Furthermore, the inhibition of riboflavin uptake by CrEL may decrease the antioxidant effect through the glutathione redox cycle or other possible mechanisms such as conversion of reduced riboflavin to the oxidized form.19–21) The antioxidant effect by riboflavin might play a role in preventing neurotoxicity.
It still remains unclear whether CrEL specifically inhibits SLC52A2, suppresses global transporter functions, or disrupts the cell membrane.13) SLC52A2 mutation is the cause of Brown–Vialetto–Van Laere (BVVL) syndrome. Supplementation of riboflavin in patients improves the symptoms of axonal peripheral neuropathy.22) Investigation of the mechanism involved in paclitaxel-induced neuropathy may provide evidence for the management of BVVL syndrome with riboflavin.
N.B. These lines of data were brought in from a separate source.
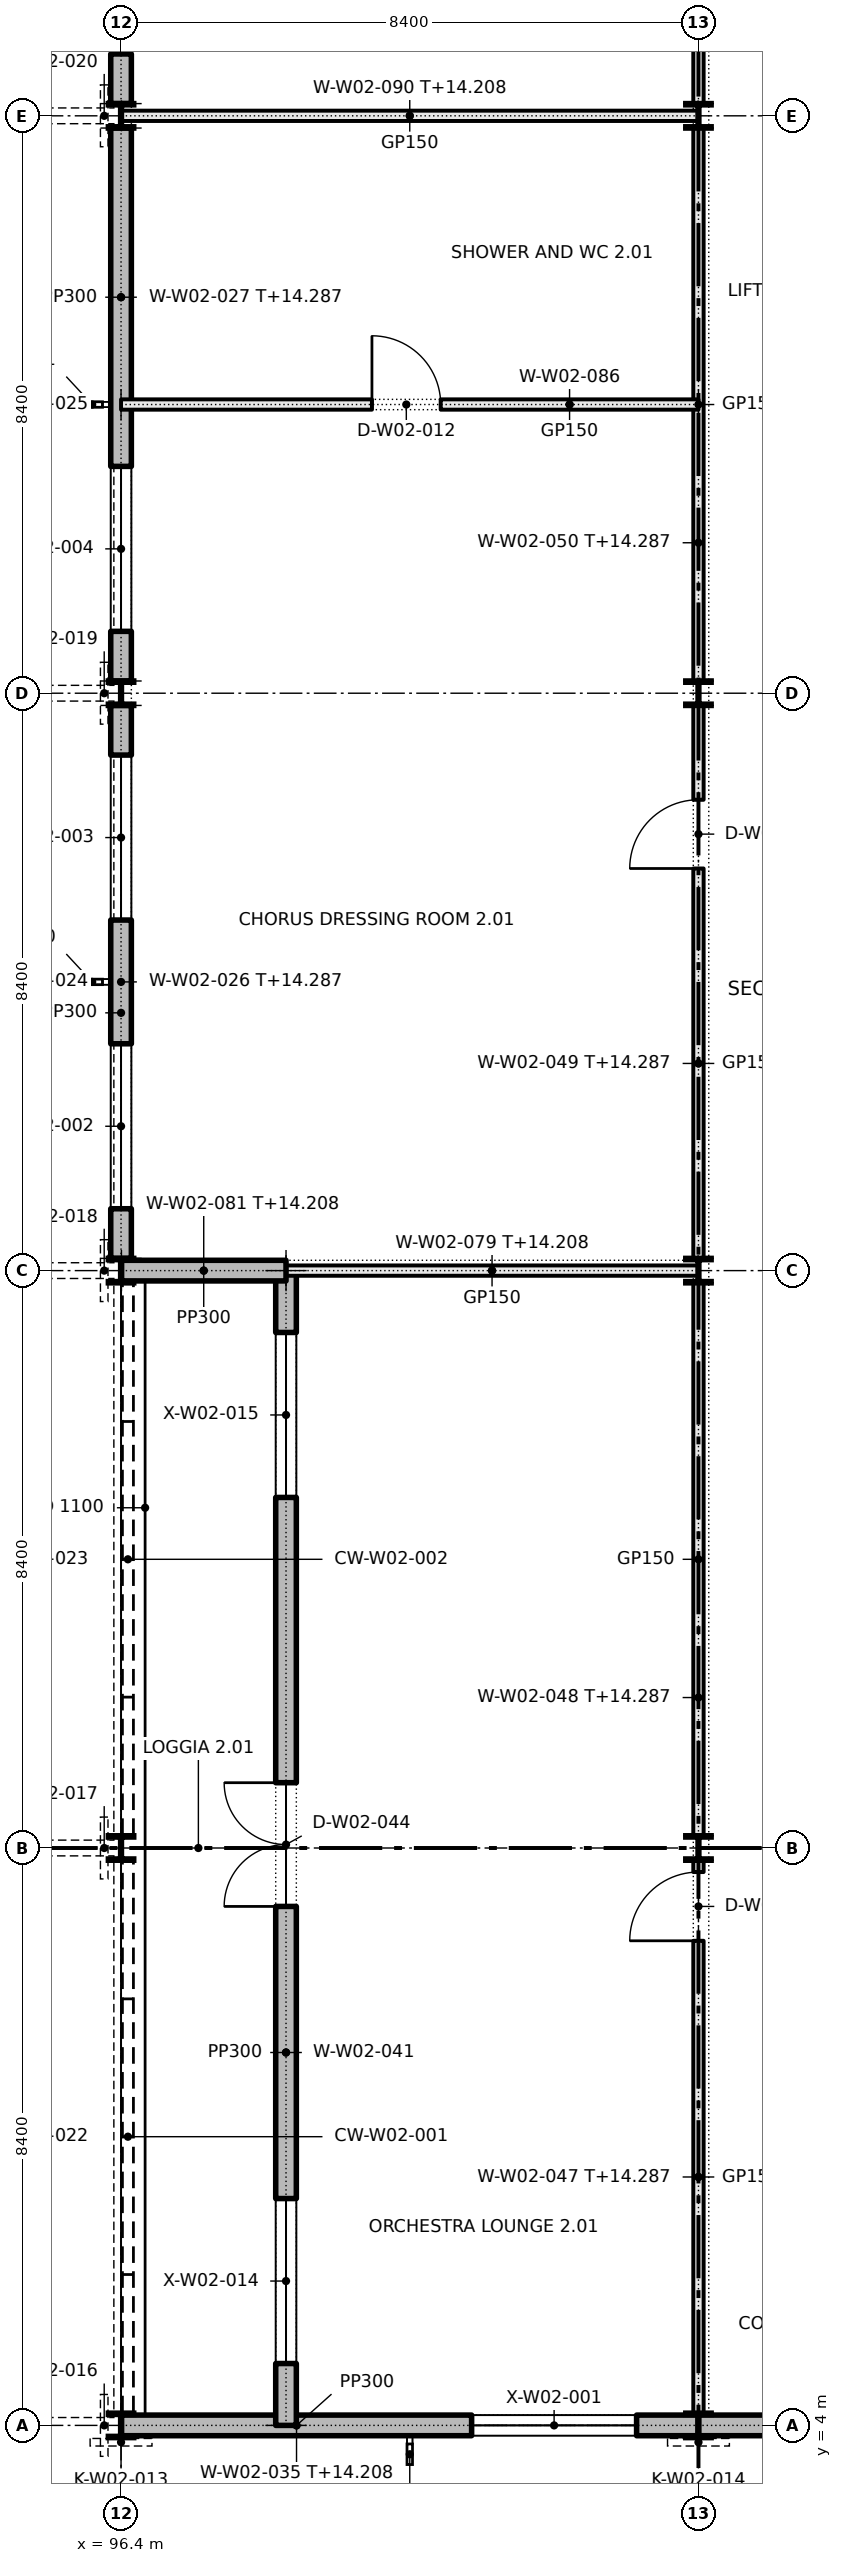
"""IFC4 building model, lengths in metres.
Left out: names, types, materials, properties, quantities, classifications, styles, units other than length and angle.
Written with IfcOpenShell. Run it as: python <this file> out.ifc"""

import sys

from ifc_helpers import new_model, si_unit, direction, frame, frame_2d, origin, origin_2d, place, context, subcontext, project, spatial, rectangle, i_section, extrude, element, fill, save


model = new_model("IFC4")
c1 = context("Model", 3, precision=1e-05, world=origin(), true_north=direction((0.0, 1.0)))
c2 = subcontext(c1, "Body", "Model", "MODEL_VIEW")
j1 = project(units=[si_unit("LENGTHUNIT", "METRE"), si_unit("PLANEANGLEUNIT", "RADIAN")], contexts=[c1])
p1 = place(None, origin())
s1 = spatial("IfcSite", under=j1, at=p1, CompositionType="ELEMENT")
p2 = place(p1, origin())
s2 = spatial("IfcBuilding", under=s1, at=p2, CompositionType="ELEMENT")
p3 = place(p2, frame((0.0, 0.0, 10.2)))
s3 = spatial("IfcBuildingStorey", under=s2, at=p3, CompositionType="ELEMENT", Elevation=10.2)
for number, where, z_axis, x_axis in (
    (1, (96.4, 4.0, 0.0), (0.0, 0.0, 1.0), (1.0, 0.0, 0.0)),
    (2, (96.4, 12.4, 0.0), (0.0, 0.0, 1.0), (1.0, 0.0, 0.0)),
    (3, (96.4, 20.8, 0.0), (0.0, 0.0, 1.0), (1.0, 0.0, 0.0)),
    (4, (96.4, 29.2, 0.0), (0.0, 0.0, 1.0), (1.0, 0.0, 0.0)),
    (5, (96.4, 37.6, 0.0), (0.0, 0.0, 1.0), (1.0, 0.0, 0.0)),
    (6, (104.8, 4.0, 0.0), (0.0, 0.0, 1.0), (1.0, 0.0, 0.0)),
    (7, (104.8, 12.4, 0.0), (0.0, 0.0, 1.0), (1.0, 0.0, 0.0)),
    (8, (104.8, 20.8, 0.0), (0.0, 0.0, 1.0), (1.0, 0.0, 0.0)),
    (9, (104.8, 29.2, 0.0), (0.0, 0.0, 1.0), (1.0, 0.0, 0.0)),
    (10, (104.8, 37.6, 0.0), (0.0, 0.0, 1.0), (1.0, 0.0, 0.0)),
):
    element("IfcColumn", number, at=place(p3, frame(where, z_axis=z_axis, x_axis=x_axis)), inside=s3, PredefinedType="COLUMN", context=c2, shape_type="SweptSolid", body=[
        extrude(i_section(OverallWidth=0.368, OverallDepth=0.356, WebThickness=0.011, FlangeThickness=0.018, FilletRadius=0.015, at=origin_2d()), origin(), (0.0, 0.0, 1.0), 4.8),
    ])
p4 = place(p3, frame((96.4, 20.978, 0.0), z_axis=(0.0, 0.0, 1.0), x_axis=(0.0, 1.0, 0.0)))
e11 = element("IfcWall", 11, at=p4, inside=s3, PredefinedType="SOLIDWALL", context=c2, shape_type="SweptSolid", body=[
    extrude(rectangle(XDim=8.044, YDim=0.3, at=frame_2d((4.022, 0.0))), origin(), (0.0, 0.0, 1.0), 4.087),
])
p5 = place(p4, frame((0.722, 0.0, 0.95)))
e12 = element("IfcOpeningElement", 12, at=p5, cuts=e11, PredefinedType="OPENING", context=c2, shape_type="SweptSolid", body=[
    extrude(rectangle(XDim=2.4, YDim=1.8, at=frame_2d((1.2, 0.9))), frame((0.0, 0.16, 0.0), z_axis=(0.0, -1.0, 0.0), x_axis=(1.0, 0.0, 0.0)), (0.0, 0.0, 1.0), 0.32),
])
p6 = place(p4, frame((4.922, 0.0, 0.95)))
e13 = element("IfcOpeningElement", 13, at=p6, cuts=e11, PredefinedType="OPENING", context=c2, shape_type="SweptSolid", body=[
    extrude(rectangle(XDim=2.4, YDim=1.8, at=frame_2d((1.2, 0.9))), frame((0.0, 0.16, 0.0), z_axis=(0.0, -1.0, 0.0), x_axis=(1.0, 0.0, 0.0)), (0.0, 0.0, 1.0), 0.32),
])
p7 = place(p3, frame((96.4, 29.378, 0.0), z_axis=(0.0, 0.0, 1.0), x_axis=(0.0, 1.0, 0.0)))
e14 = element("IfcWall", 14, at=p7, inside=s3, PredefinedType="SOLIDWALL", context=c2, shape_type="SweptSolid", body=[
    extrude(rectangle(XDim=8.044, YDim=0.3, at=frame_2d((4.022, 0.0))), origin(), (0.0, 0.0, 1.0), 4.087),
])
p8 = place(p7, frame((0.722, 0.0, 0.95)))
e15 = element("IfcOpeningElement", 15, at=p8, cuts=e14, PredefinedType="OPENING", context=c2, shape_type="SweptSolid", body=[
    extrude(rectangle(XDim=2.4, YDim=1.8, at=frame_2d((1.2, 0.9))), frame((0.0, 0.16, 0.0), z_axis=(0.0, -1.0, 0.0), x_axis=(1.0, 0.0, 0.0)), (0.0, 0.0, 1.0), 0.32),
])
p9 = place(p3, frame((96.4, 37.778, 0.0), z_axis=(0.0, 0.0, 1.0), x_axis=(0.0, 1.0, 0.0)))
e16 = element("IfcWall", 16, at=p9, inside=s3, PredefinedType="SOLIDWALL", context=c2, shape_type="SweptSolid", body=[
    extrude(rectangle(XDim=8.044, YDim=0.3, at=frame_2d((4.022, 0.0))), origin(), (0.0, 0.0, 1.0), 4.087),
])
p10 = place(p9, frame((0.722, 0.0, 0.95)))
e17 = element("IfcOpeningElement", 17, at=p10, cuts=e16, PredefinedType="OPENING", context=c2, shape_type="SweptSolid", body=[
    extrude(rectangle(XDim=2.4, YDim=1.8, at=frame_2d((1.2, 0.9))), frame((0.0, 0.16, 0.0), z_axis=(0.0, -1.0, 0.0), x_axis=(1.0, 0.0, 0.0)), (0.0, 0.0, 1.0), 0.32),
])
p11 = place(p9, frame((4.922, 0.0, 0.95)))
e18 = element("IfcOpeningElement", 18, at=p11, cuts=e16, PredefinedType="OPENING", context=c2, shape_type="SweptSolid", body=[
    extrude(rectangle(XDim=2.4, YDim=1.8, at=frame_2d((1.2, 0.9))), frame((0.0, 0.16, 0.0), z_axis=(0.0, -1.0, 0.0), x_axis=(1.0, 0.0, 0.0)), (0.0, 0.0, 1.0), 0.32),
])
p12 = place(p3, frame((96.406, 4.0, 0.0), z_axis=(0.0, 0.0, 1.0), x_axis=(1.0, 0.0, 0.0)))
e19 = element("IfcWall", 19, at=p12, inside=s3, PredefinedType="SOLIDWALL", context=c2, shape_type="SweptSolid", body=[
    extrude(rectangle(XDim=8.4, YDim=0.3, at=frame_2d((4.2, 0.0))), origin(), (0.0, 0.0, 1.0), 4.008),
])
p13 = place(p12, frame((5.094, 0.0, 0.95)))
e20 = element("IfcOpeningElement", 20, at=p13, cuts=e19, PredefinedType="OPENING", context=c2, shape_type="SweptSolid", body=[
    extrude(rectangle(XDim=2.4, YDim=1.8, at=frame_2d((1.2, 0.9))), frame((0.0, 0.16, 0.0), z_axis=(0.0, -1.0, 0.0), x_axis=(1.0, 0.0, 0.0)), (0.0, 0.0, 1.0), 0.32),
])
p14 = place(p3, frame((104.794, 4.0, 0.0), z_axis=(0.0, 0.0, 1.0), x_axis=(1.0, 0.0, 0.0)))
e21 = element("IfcWall", 21, at=p14, inside=s3, PredefinedType="SOLIDWALL", context=c2, shape_type="SweptSolid", body=[
    extrude(rectangle(XDim=8.4, YDim=0.3, at=frame_2d((4.2, 0.0))), origin(), (0.0, 0.0, 1.0), 4.008),
])
p15 = place(p3, frame((98.8, 4.0, 0.0), z_axis=(0.0, 0.0, 1.0), x_axis=(0.0, 1.0, 0.0)))
e22 = element("IfcWall", 22, at=p15, inside=s3, PredefinedType="SOLIDWALL", context=c2, shape_type="SweptSolid", body=[
    extrude(rectangle(XDim=16.8, YDim=0.3, at=frame_2d((8.4, 0.0))), origin(), (0.0, 0.0, 1.0), 4.8),
])
p16 = place(p15, frame((7.55, 0.0, 0.0)))
e23 = element("IfcOpeningElement", 23, at=p16, cuts=e22, PredefinedType="OPENING", context=c2, shape_type="SweptSolid", body=[
    extrude(rectangle(XDim=1.8, YDim=2.1, at=frame_2d((0.9, 1.05))), frame((0.0, 0.16, 0.0), z_axis=(0.0, -1.0, 0.0), x_axis=(1.0, 0.0, 0.0)), (0.0, 0.0, 1.0), 0.32),
])
p17 = place(p15, frame((0.9, 0.0, 0.95)))
e24 = element("IfcOpeningElement", 24, at=p17, cuts=e22, PredefinedType="OPENING", context=c2, shape_type="SweptSolid", body=[
    extrude(rectangle(XDim=2.4, YDim=1.8, at=frame_2d((1.2, 0.9))), frame((0.0, 0.16, 0.0), z_axis=(0.0, -1.0, 0.0), x_axis=(1.0, 0.0, 0.0)), (0.0, 0.0, 1.0), 0.32),
])
p18 = place(p15, frame((13.5, 0.0, 0.95)))
e25 = element("IfcOpeningElement", 25, at=p18, cuts=e22, PredefinedType="OPENING", context=c2, shape_type="SweptSolid", body=[
    extrude(rectangle(XDim=2.4, YDim=1.8, at=frame_2d((1.2, 0.9))), frame((0.0, 0.16, 0.0), z_axis=(0.0, -1.0, 0.0), x_axis=(1.0, 0.0, 0.0)), (0.0, 0.0, 1.0), 0.32),
])
p19 = place(p3, frame((104.8, 4.178, 0.0), z_axis=(0.0, 0.0, 1.0), x_axis=(0.0, 1.0, 0.0)))
e26 = element("IfcWall", 26, at=p19, inside=s3, PredefinedType="PARTITIONING", context=c2, shape_type="SweptSolid", body=[
    extrude(rectangle(XDim=8.044, YDim=0.15, at=frame_2d((4.022, 0.0))), origin(), (0.0, 0.0, 1.0), 4.087),
])
p20 = place(p19, frame((6.872, 0.0, 0.0)))
e27 = element("IfcOpeningElement", 27, at=p20, cuts=e26, PredefinedType="OPENING", context=c2, shape_type="SweptSolid", body=[
    extrude(rectangle(XDim=1.0, YDim=2.1, at=frame_2d((0.5, 1.05))), frame((0.0, 0.085, 0.0), z_axis=(0.0, -1.0, 0.0), x_axis=(1.0, 0.0, 0.0)), (0.0, 0.0, 1.0), 0.17),
])
p21 = place(p3, frame((104.8, 12.578, 0.0), z_axis=(0.0, 0.0, 1.0), x_axis=(0.0, 1.0, 0.0)))
e28 = element("IfcWall", 28, at=p21, inside=s3, PredefinedType="PARTITIONING", context=c2, shape_type="SweptSolid", body=[
    extrude(rectangle(XDim=8.044, YDim=0.15, at=frame_2d((4.022, 0.0))), origin(), (0.0, 0.0, 1.0), 4.087),
])
p22 = place(p3, frame((104.8, 20.978, 0.0), z_axis=(0.0, 0.0, 1.0), x_axis=(0.0, 1.0, 0.0)))
e29 = element("IfcWall", 29, at=p22, inside=s3, PredefinedType="PARTITIONING", context=c2, shape_type="SweptSolid", body=[
    extrude(rectangle(XDim=8.044, YDim=0.15, at=frame_2d((4.022, 0.0))), origin(), (0.0, 0.0, 1.0), 4.087),
])
p23 = place(p22, frame((5.672, 0.0, 0.0)))
e30 = element("IfcOpeningElement", 30, at=p23, cuts=e29, PredefinedType="OPENING", context=c2, shape_type="SweptSolid", body=[
    extrude(rectangle(XDim=1.0, YDim=2.1, at=frame_2d((0.5, 1.05))), frame((0.0, 0.085, 0.0), z_axis=(0.0, -1.0, 0.0), x_axis=(1.0, 0.0, 0.0)), (0.0, 0.0, 1.0), 0.17),
])
p24 = place(p3, frame((104.8, 29.378, 0.0), z_axis=(0.0, 0.0, 1.0), x_axis=(0.0, 1.0, 0.0)))
e31 = element("IfcWall", 31, at=p24, inside=s3, PredefinedType="PARTITIONING", context=c2, shape_type="SweptSolid", body=[
    extrude(rectangle(XDim=8.044, YDim=0.15, at=frame_2d((4.022, 0.0))), origin(), (0.0, 0.0, 1.0), 4.087),
])
p25 = place(p3, frame((104.8, 37.778, 0.0), z_axis=(0.0, 0.0, 1.0), x_axis=(0.0, 1.0, 0.0)))
e32 = element("IfcWall", 32, at=p25, inside=s3, PredefinedType="PARTITIONING", context=c2, shape_type="SweptSolid", body=[
    extrude(rectangle(XDim=8.044, YDim=0.15, at=frame_2d((4.022, 0.0))), origin(), (0.0, 0.0, 1.0), 4.087),
])
p26 = place(p25, frame((5.672, 0.0, 0.0)))
e33 = element("IfcOpeningElement", 33, at=p26, cuts=e32, PredefinedType="OPENING", context=c2, shape_type="SweptSolid", body=[
    extrude(rectangle(XDim=1.0, YDim=2.1, at=frame_2d((0.5, 1.05))), frame((0.0, 0.085, 0.0), z_axis=(0.0, -1.0, 0.0), x_axis=(1.0, 0.0, 0.0)), (0.0, 0.0, 1.0), 0.17),
])
p27 = place(p3, frame((98.8, 20.8, 0.0), z_axis=(0.0, 0.0, 1.0), x_axis=(1.0, 0.0, 0.0)))
e34 = element("IfcWall", 34, at=p27, inside=s3, PredefinedType="PARTITIONING", context=c2, shape_type="SweptSolid", body=[
    extrude(rectangle(XDim=5.994, YDim=0.15, at=frame_2d((2.997, 0.0))), origin(), (0.0, 0.0, 1.0), 4.008),
])
p28 = place(p3, frame((96.406, 20.8, 0.0), z_axis=(0.0, 0.0, 1.0), x_axis=(1.0, 0.0, 0.0)))
e35 = element("IfcWall", 35, at=p28, inside=s3, PredefinedType="SOLIDWALL", context=c2, shape_type="SweptSolid", body=[
    extrude(rectangle(XDim=2.395, YDim=0.3, at=frame_2d((1.197, 0.0))), origin(), (0.0, 0.0, 1.0), 4.008),
])
p29 = place(p3, frame((96.4, 33.4, 0.0), z_axis=(0.0, 0.0, 1.0), x_axis=(1.0, 0.0, 0.0)))
e36 = element("IfcWall", 36, at=p29, inside=s3, PredefinedType="PARTITIONING", context=c2, shape_type="SweptSolid", body=[
    extrude(rectangle(XDim=8.4, YDim=0.15, at=frame_2d((4.2, 0.0))), origin(), (0.0, 0.0, 1.0), 4.8),
])
p30 = place(p29, frame((3.65, 0.0, 0.0)))
e37 = element("IfcOpeningElement", 37, at=p30, cuts=e36, PredefinedType="OPENING", context=c2, shape_type="SweptSolid", body=[
    extrude(rectangle(XDim=1.0, YDim=2.1, at=frame_2d((0.5, 1.05))), frame((0.0, 0.085, 0.0), z_axis=(0.0, -1.0, 0.0), x_axis=(1.0, 0.0, 0.0)), (0.0, 0.0, 1.0), 0.17),
])
p31 = place(p3, frame((96.406, 37.6, 0.0), z_axis=(0.0, 0.0, 1.0), x_axis=(1.0, 0.0, 0.0)))
e38 = element("IfcWall", 38, at=p31, inside=s3, PredefinedType="PARTITIONING", context=c2, shape_type="SweptSolid", body=[
    extrude(rectangle(XDim=8.389, YDim=0.15, at=frame_2d((4.194, 0.0))), origin(), (0.0, 0.0, 1.0), 4.008),
])
p32 = place(p13, origin())
e39 = element("IfcWindow", 39, at=p32, inside=s3, PartitioningType="DOUBLE_PANEL_VERTICAL", PredefinedType="WINDOW", context=c2, shape_type="SweptSolid", body=[
    extrude(rectangle(XDim=2.4, YDim=1.8, at=frame_2d((1.2, 0.9))), frame((0.0, 0.03, 0.0), z_axis=(0.0, -1.0, 0.0), x_axis=(1.0, 0.0, 0.0)), (0.0, 0.0, 1.0), 0.06),
])
fill(e20, e39)
p33 = place(p5, origin())
e40 = element("IfcWindow", 40, at=p33, inside=s3, PartitioningType="DOUBLE_PANEL_VERTICAL", PredefinedType="WINDOW", context=c2, shape_type="SweptSolid", body=[
    extrude(rectangle(XDim=2.4, YDim=1.8, at=frame_2d((1.2, 0.9))), frame((0.0, 0.03, 0.0), z_axis=(0.0, -1.0, 0.0), x_axis=(1.0, 0.0, 0.0)), (0.0, 0.0, 1.0), 0.06),
])
fill(e12, e40)
p34 = place(p6, origin())
e41 = element("IfcWindow", 41, at=p34, inside=s3, PartitioningType="DOUBLE_PANEL_VERTICAL", PredefinedType="WINDOW", context=c2, shape_type="SweptSolid", body=[
    extrude(rectangle(XDim=2.4, YDim=1.8, at=frame_2d((1.2, 0.9))), frame((0.0, 0.03, 0.0), z_axis=(0.0, -1.0, 0.0), x_axis=(1.0, 0.0, 0.0)), (0.0, 0.0, 1.0), 0.06),
])
fill(e13, e41)
p35 = place(p8, origin())
e42 = element("IfcWindow", 42, at=p35, inside=s3, PartitioningType="DOUBLE_PANEL_VERTICAL", PredefinedType="WINDOW", context=c2, shape_type="SweptSolid", body=[
    extrude(rectangle(XDim=2.4, YDim=1.8, at=frame_2d((1.2, 0.9))), frame((0.0, 0.03, 0.0), z_axis=(0.0, -1.0, 0.0), x_axis=(1.0, 0.0, 0.0)), (0.0, 0.0, 1.0), 0.06),
])
fill(e15, e42)
p36 = place(p10, origin())
e43 = element("IfcWindow", 43, at=p36, inside=s3, PartitioningType="DOUBLE_PANEL_VERTICAL", PredefinedType="WINDOW", context=c2, shape_type="SweptSolid", body=[
    extrude(rectangle(XDim=2.4, YDim=1.8, at=frame_2d((1.2, 0.9))), frame((0.0, 0.03, 0.0), z_axis=(0.0, -1.0, 0.0), x_axis=(1.0, 0.0, 0.0)), (0.0, 0.0, 1.0), 0.06),
])
fill(e17, e43)
p37 = place(p20, origin())
e44 = element("IfcDoor", 44, at=p37, inside=s3, OperationType="SINGLE_SWING_LEFT", PredefinedType="DOOR", context=c2, shape_type="SweptSolid", body=[
    extrude(rectangle(XDim=1.0, YDim=2.1, at=frame_2d((0.5, 1.05))), frame((0.0, 0.025, 0.0), z_axis=(0.0, -1.0, 0.0), x_axis=(1.0, 0.0, 0.0)), (0.0, 0.0, 1.0), 0.05),
])
fill(e27, e44)
p38 = place(p23, origin())
e45 = element("IfcDoor", 45, at=p38, inside=s3, OperationType="SINGLE_SWING_LEFT", PredefinedType="DOOR", context=c2, shape_type="SweptSolid", body=[
    extrude(rectangle(XDim=1.0, YDim=2.1, at=frame_2d((0.5, 1.05))), frame((0.0, 0.025, 0.0), z_axis=(0.0, -1.0, 0.0), x_axis=(1.0, 0.0, 0.0)), (0.0, 0.0, 1.0), 0.05),
])
fill(e30, e45)
p39 = place(p30, origin())
e46 = element("IfcDoor", 46, at=p39, inside=s3, OperationType="SINGLE_SWING_LEFT", PredefinedType="DOOR", context=c2, shape_type="SweptSolid", body=[
    extrude(rectangle(XDim=1.0, YDim=2.1, at=frame_2d((0.5, 1.05))), frame((0.0, 0.025, 0.0), z_axis=(0.0, -1.0, 0.0), x_axis=(1.0, 0.0, 0.0)), (0.0, 0.0, 1.0), 0.05),
])
fill(e37, e46)
p40 = place(p16, origin())
e47 = element("IfcDoor", 47, at=p40, inside=s3, OperationType="DOUBLE_DOOR_SINGLE_SWING", PredefinedType="DOOR", context=c2, shape_type="SweptSolid", body=[
    extrude(rectangle(XDim=1.8, YDim=2.1, at=frame_2d((0.9, 1.05))), frame((0.0, 0.025, 0.0), z_axis=(0.0, -1.0, 0.0), x_axis=(1.0, 0.0, 0.0)), (0.0, 0.0, 1.0), 0.05),
])
fill(e23, e47)
p41 = place(p17, origin())
e48 = element("IfcWindow", 48, at=p41, inside=s3, PartitioningType="DOUBLE_PANEL_VERTICAL", PredefinedType="WINDOW", context=c2, shape_type="SweptSolid", body=[
    extrude(rectangle(XDim=2.4, YDim=1.8, at=frame_2d((1.2, 0.9))), frame((0.0, 0.03, 0.0), z_axis=(0.0, -1.0, 0.0), x_axis=(1.0, 0.0, 0.0)), (0.0, 0.0, 1.0), 0.06),
])
fill(e24, e48)
p42 = place(p18, origin())
e49 = element("IfcWindow", 49, at=p42, inside=s3, PartitioningType="DOUBLE_PANEL_VERTICAL", PredefinedType="WINDOW", context=c2, shape_type="SweptSolid", body=[
    extrude(rectangle(XDim=2.4, YDim=1.8, at=frame_2d((1.2, 0.9))), frame((0.0, 0.03, 0.0), z_axis=(0.0, -1.0, 0.0), x_axis=(1.0, 0.0, 0.0)), (0.0, 0.0, 1.0), 0.06),
])
fill(e25, e49)
save(model, sys.argv[1])

In conclusion, CrEL is a candidate as an inhibitor of the riboflavin transporter SLC52A2. Supplementation of riboflavin has the potential to prevent neurotoxicity induced by paclitaxel dissolved in CrEL, because riboflavin is a coenzyme in mitochondria and antioxidant. Further investigation is needed to show that inhibition of riboflavin uptake contributes to the mechanism of peripheral neuropathy caused by paclitaxel in CrEL, and that riboflavin improves mitochondrial dysfunction and oxidative stress leading to the neuropathy.
We thank Mitchell Arico for editing a draft of this manuscript.
The authors declare no conflict of interest.